Stable complex structures of kinesin’s motor domain (blue) with tubulin in different nucleotide-binding states obtained from molecular dynamics simulations. (a) ATP-binding state. (b) apo state. (c) ADP-binding state. Motor domain is shown in blue, α-tubulin in light brown and β-tubulin in dark brown. The binding nucleotides are explicitly shown. α4s of these structures are shown in red.
Figure 2.
Residues of kinesin’s α4 helix. (a) Locations of α4’s residues in the helix structure. (b) Sequence alignments of α4s of different kinesin subfamilies (2KIN43 (from Rattus), 4HNA14 (from human) and 1GOJ47 (from N. crassa) belong to kinesin-1 subfamily; 1I5S25 belongs to kinesin-3 subfamily; 1II648 belongs to kinesin-5 subfamily; 1T5C10 belongs to kinesin-7 subfamily; 2NR8 belongs to kinesin-9 subfamily and 1V8J36 belongs to kinesin-13 subfamily). The residues toward motor domain’s core β-sheet (the upper half) and toward tubulin (the lower half) are colored in green and red respectively at the top of the alignments.

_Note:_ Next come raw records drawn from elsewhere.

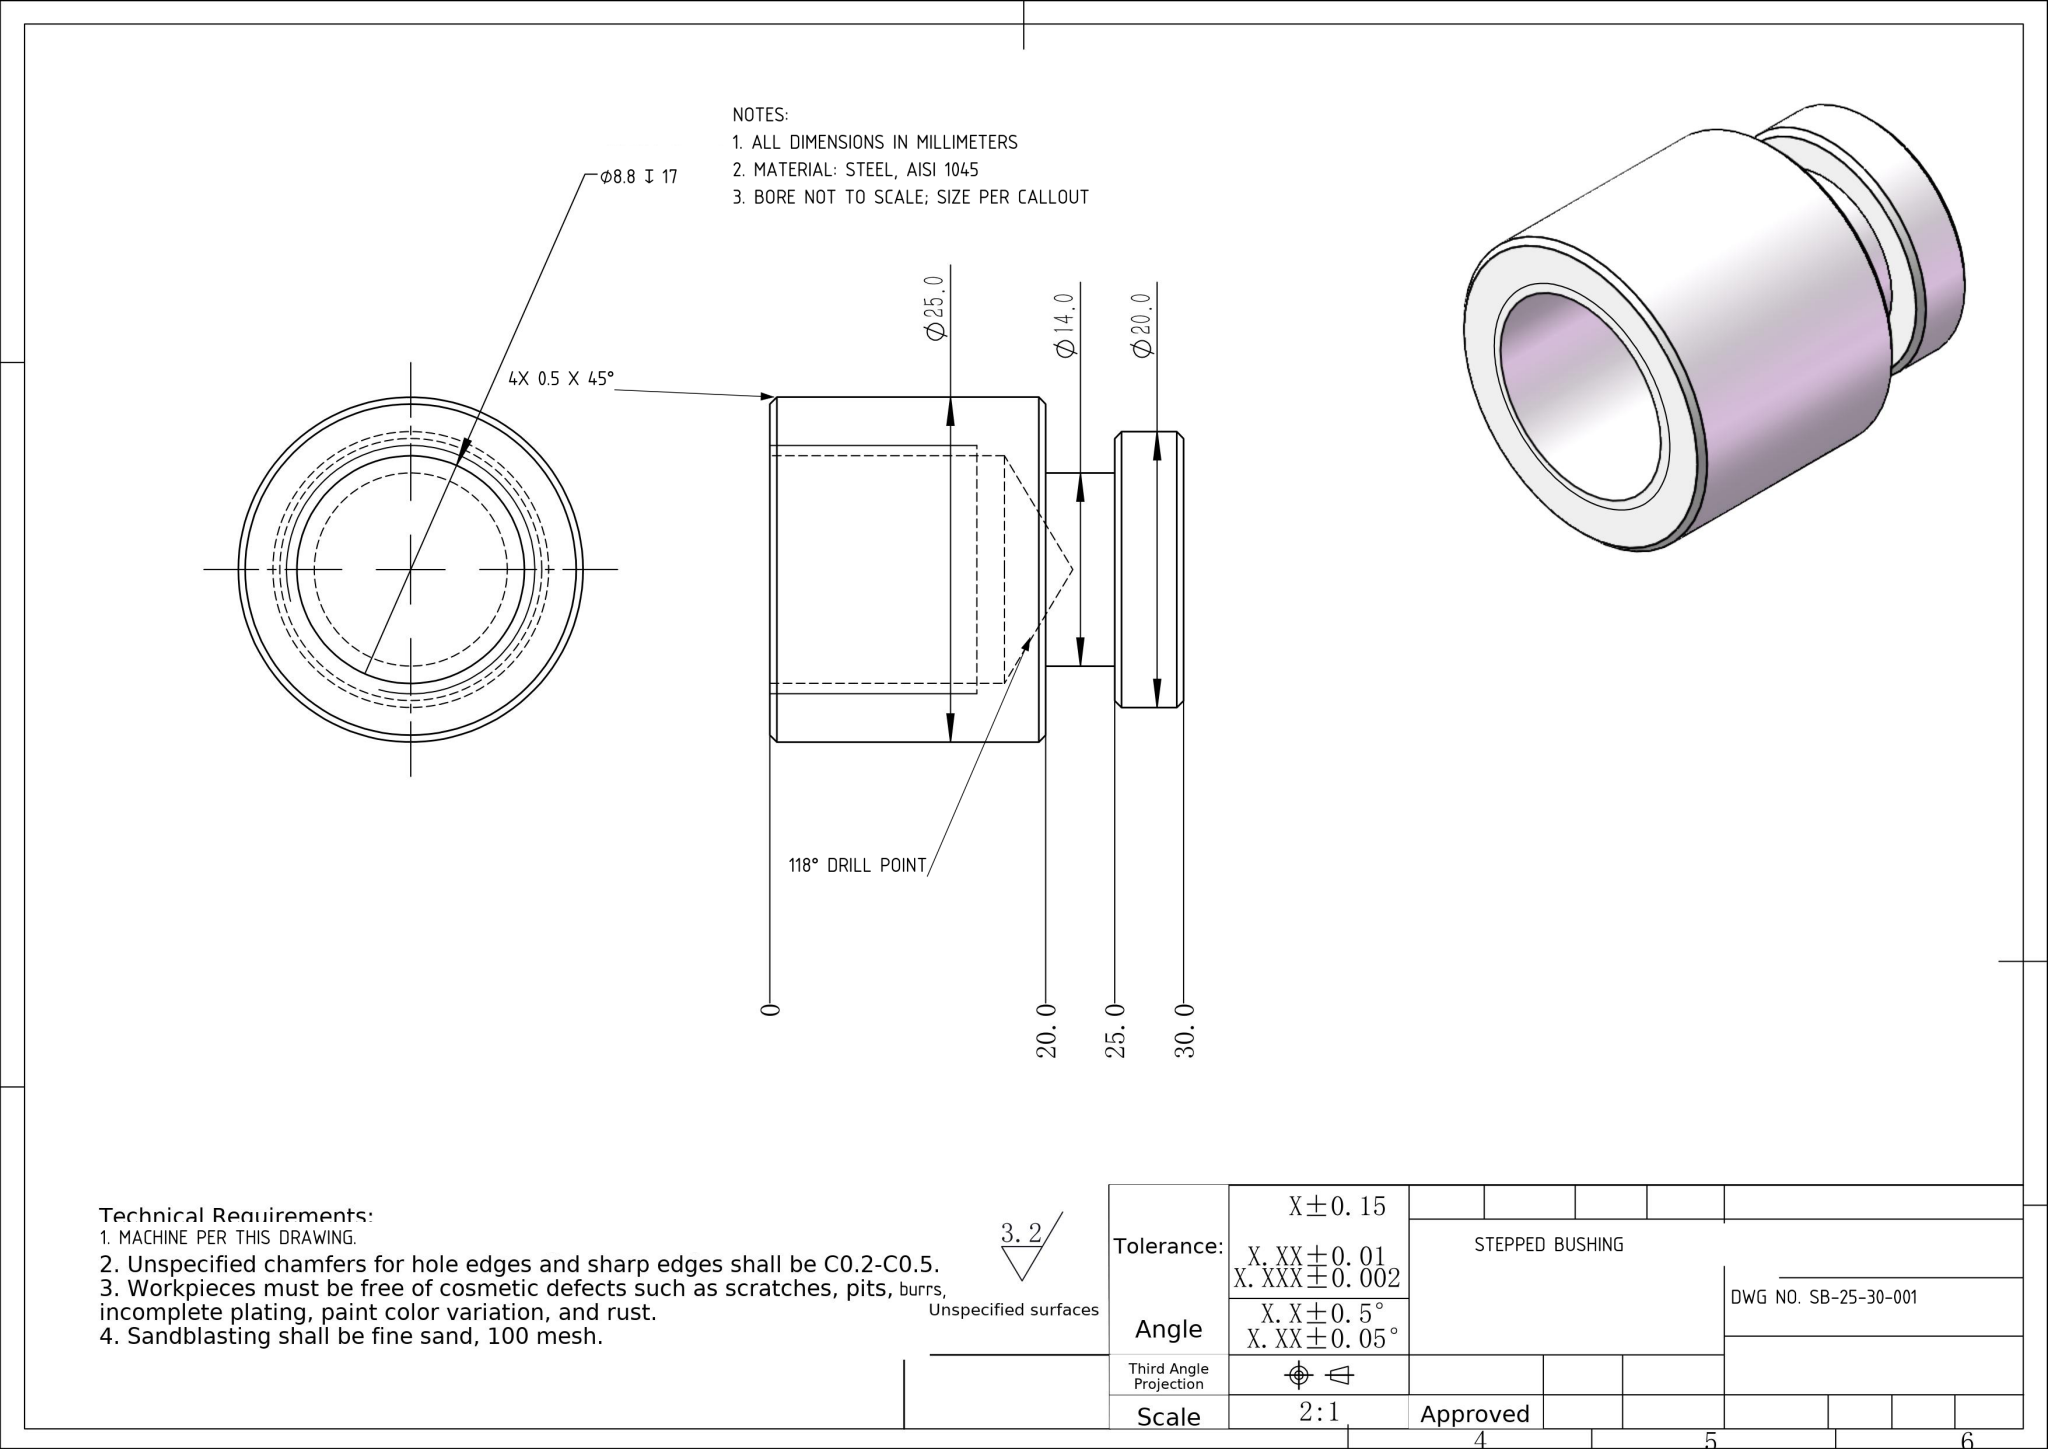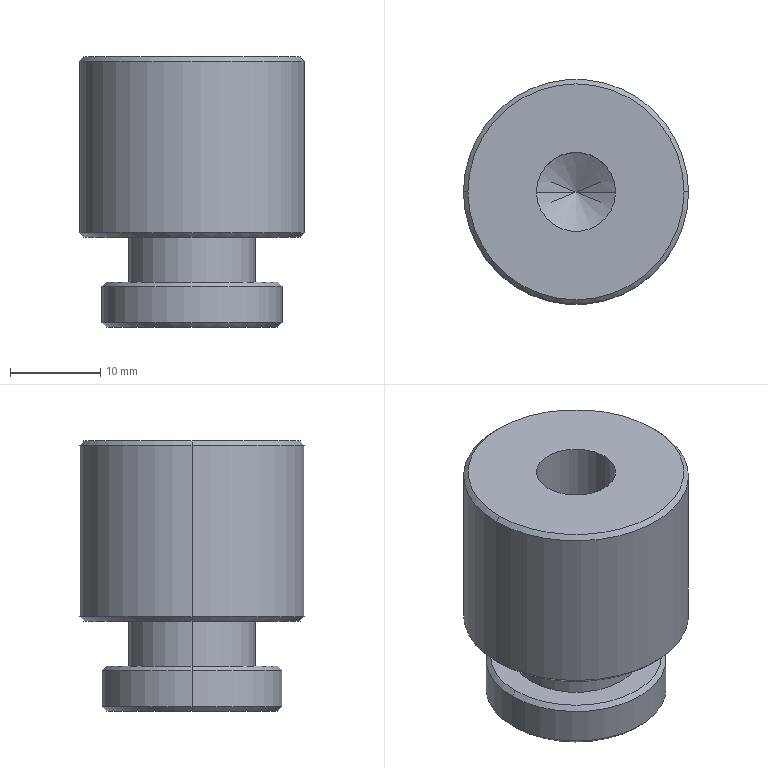Part | NX | mm | 1 solid | 22 faces | box 25 x 25 x 30 mm | volume 11036 mm3 | cone 10 | cylinder 8 | plane 4 | commonest cylinder face diameters 20 x2 8.8 x2 25 x2 14 x2
STEP:
#1=CARTESIAN_POINT('',(109.578,-259.589,0.));
#2=VERTEX_POINT('',#1);
#3=CARTESIAN_POINT('',(128.578,-259.589,0.));
#4=VERTEX_POINT('',#3);
#5=CARTESIAN_POINT('',(119.078,-259.589,0.));
#6=DIRECTION('',(0.,0.,-1.));
#7=DIRECTION('',(1.,0.,0.));
#8=AXIS2_PLACEMENT_3D('',#5,#6,#7);
#9=CIRCLE('',#8,9.5);
#10=EDGE_CURVE('',#2,#4,#9,.T.);
#11=ORIENTED_EDGE('',*,*,#10,.F.);
#12=CARTESIAN_POINT('',(109.078,-259.589,0.5));
#13=VERTEX_POINT('',#12);
#14=CARTESIAN_POINT('',(109.578,-259.589,0.));
#15=DIRECTION('',(-0.7071,0.,0.7071));
#16=VECTOR('',#15,1000.);
#17=LINE('',#14,#16);
#18=EDGE_CURVE('',#2,#13,#17,.T.);
#19=ORIENTED_EDGE('',*,*,#18,.T.);
#20=CARTESIAN_POINT('',(129.078,-259.589,0.5));
#21=VERTEX_POINT('',#20);
#22=CARTESIAN_POINT('',(119.078,-259.589,0.5));
#23=DIRECTION('',(0.,0.,1.));
#24=DIRECTION('',(1.,0.,0.));
#25=AXIS2_PLACEMENT_3D('',#22,#23,#24);
#26=CIRCLE('',#25,10.);
#27=EDGE_CURVE('',#21,#13,#26,.T.);
#28=ORIENTED_EDGE('',*,*,#27,.F.);
#29=CARTESIAN_POINT('',(128.578,-259.589,0.));
#30=DIRECTION('',(0.7071,0.,0.7071));
#31=VECTOR('',#30,1000.);
#32=LINE('',#29,#31);
#33=EDGE_CURVE('',#4,#21,#32,.T.);
#34=ORIENTED_EDGE('',*,*,#33,.F.);
#35=EDGE_LOOP('',(#11,#19,#28,#34));
#36=FACE_OUTER_BOUND('',#35,.T.);
#37=CARTESIAN_POINT('',(119.078,-259.589,0.));
#38=DIRECTION('',(0.,0.,1.));
#39=DIRECTION('',(1.,0.,0.));
#40=AXIS2_PLACEMENT_3D('',#37,#38,#39);
#41=CONICAL_SURFACE('',#40,9.5,0.7854);
#42=ADVANCED_FACE('',(#36),#41,.T.);
#43=CARTESIAN_POINT('',(128.578,-259.589,5.));
#44=VERTEX_POINT('',#43);
#45=CARTESIAN_POINT('',(109.578,-259.589,5.));
#46=VERTEX_POINT('',#45);
#47=CARTESIAN_POINT('',(119.078,-259.589,5.));
#48=DIRECTION('',(0.,0.,1.));
#49=DIRECTION('',(1.,0.,0.));
#50=AXIS2_PLACEMENT_3D('',#47,#48,#49);
#51=CIRCLE('',#50,9.5);
#52=EDGE_CURVE('',#44,#46,#51,.T.);
#53=ORIENTED_EDGE('',*,*,#52,.F.);
#54=CARTESIAN_POINT('',(129.078,-259.589,4.5));
#55=VERTEX_POINT('',#54);
#56=CARTESIAN_POINT('',(128.578,-259.589,5.));
#57=DIRECTION('',(0.7071,0.,-0.7071));
#58=VECTOR('',#57,1000.);
#59=LINE('',#56,#58);
#60=EDGE_CURVE('',#44,#55,#59,.T.);
#61=ORIENTED_EDGE('',*,*,#60,.T.);
#62=CARTESIAN_POINT('',(109.078,-259.589,4.5));
#63=VERTEX_POINT('',#62);
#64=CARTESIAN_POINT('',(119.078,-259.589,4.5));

α4 has different conformations in different nucleotide-binding states (apo, ATP-binding and ADP-binding state) and microtubule-binding states (with or without microtubule). As seen in Figs. 1a and 1b, the MD simulation results show that α4 has similar conformations (7-turn helix) in kinesin-1’s ATP-binding and apo state on microtubule. While in the ADP-binding state, α4 is a 4-turn helix as shown in Fig. 1c. The cryo-EM study of kinesin-1 in ADP-binding state on microtubule showed a consistent structure.46 From the ADP-binding state to apo state, α4 will change from a 4-turn helix to a 7-turn helix. When and how this conformational change of α4 take place are still unclear. It is rational to speculate that, when binding to microtubule, the N-terminal part of α4 (from A246 to K256) will turn from a loop structure to three extra helix structure (transform from a 4-turn helix to a 7-turn helix). This conformational change might be related with the catalytic role of microtubule in kinesin-1’s ATPase cycle.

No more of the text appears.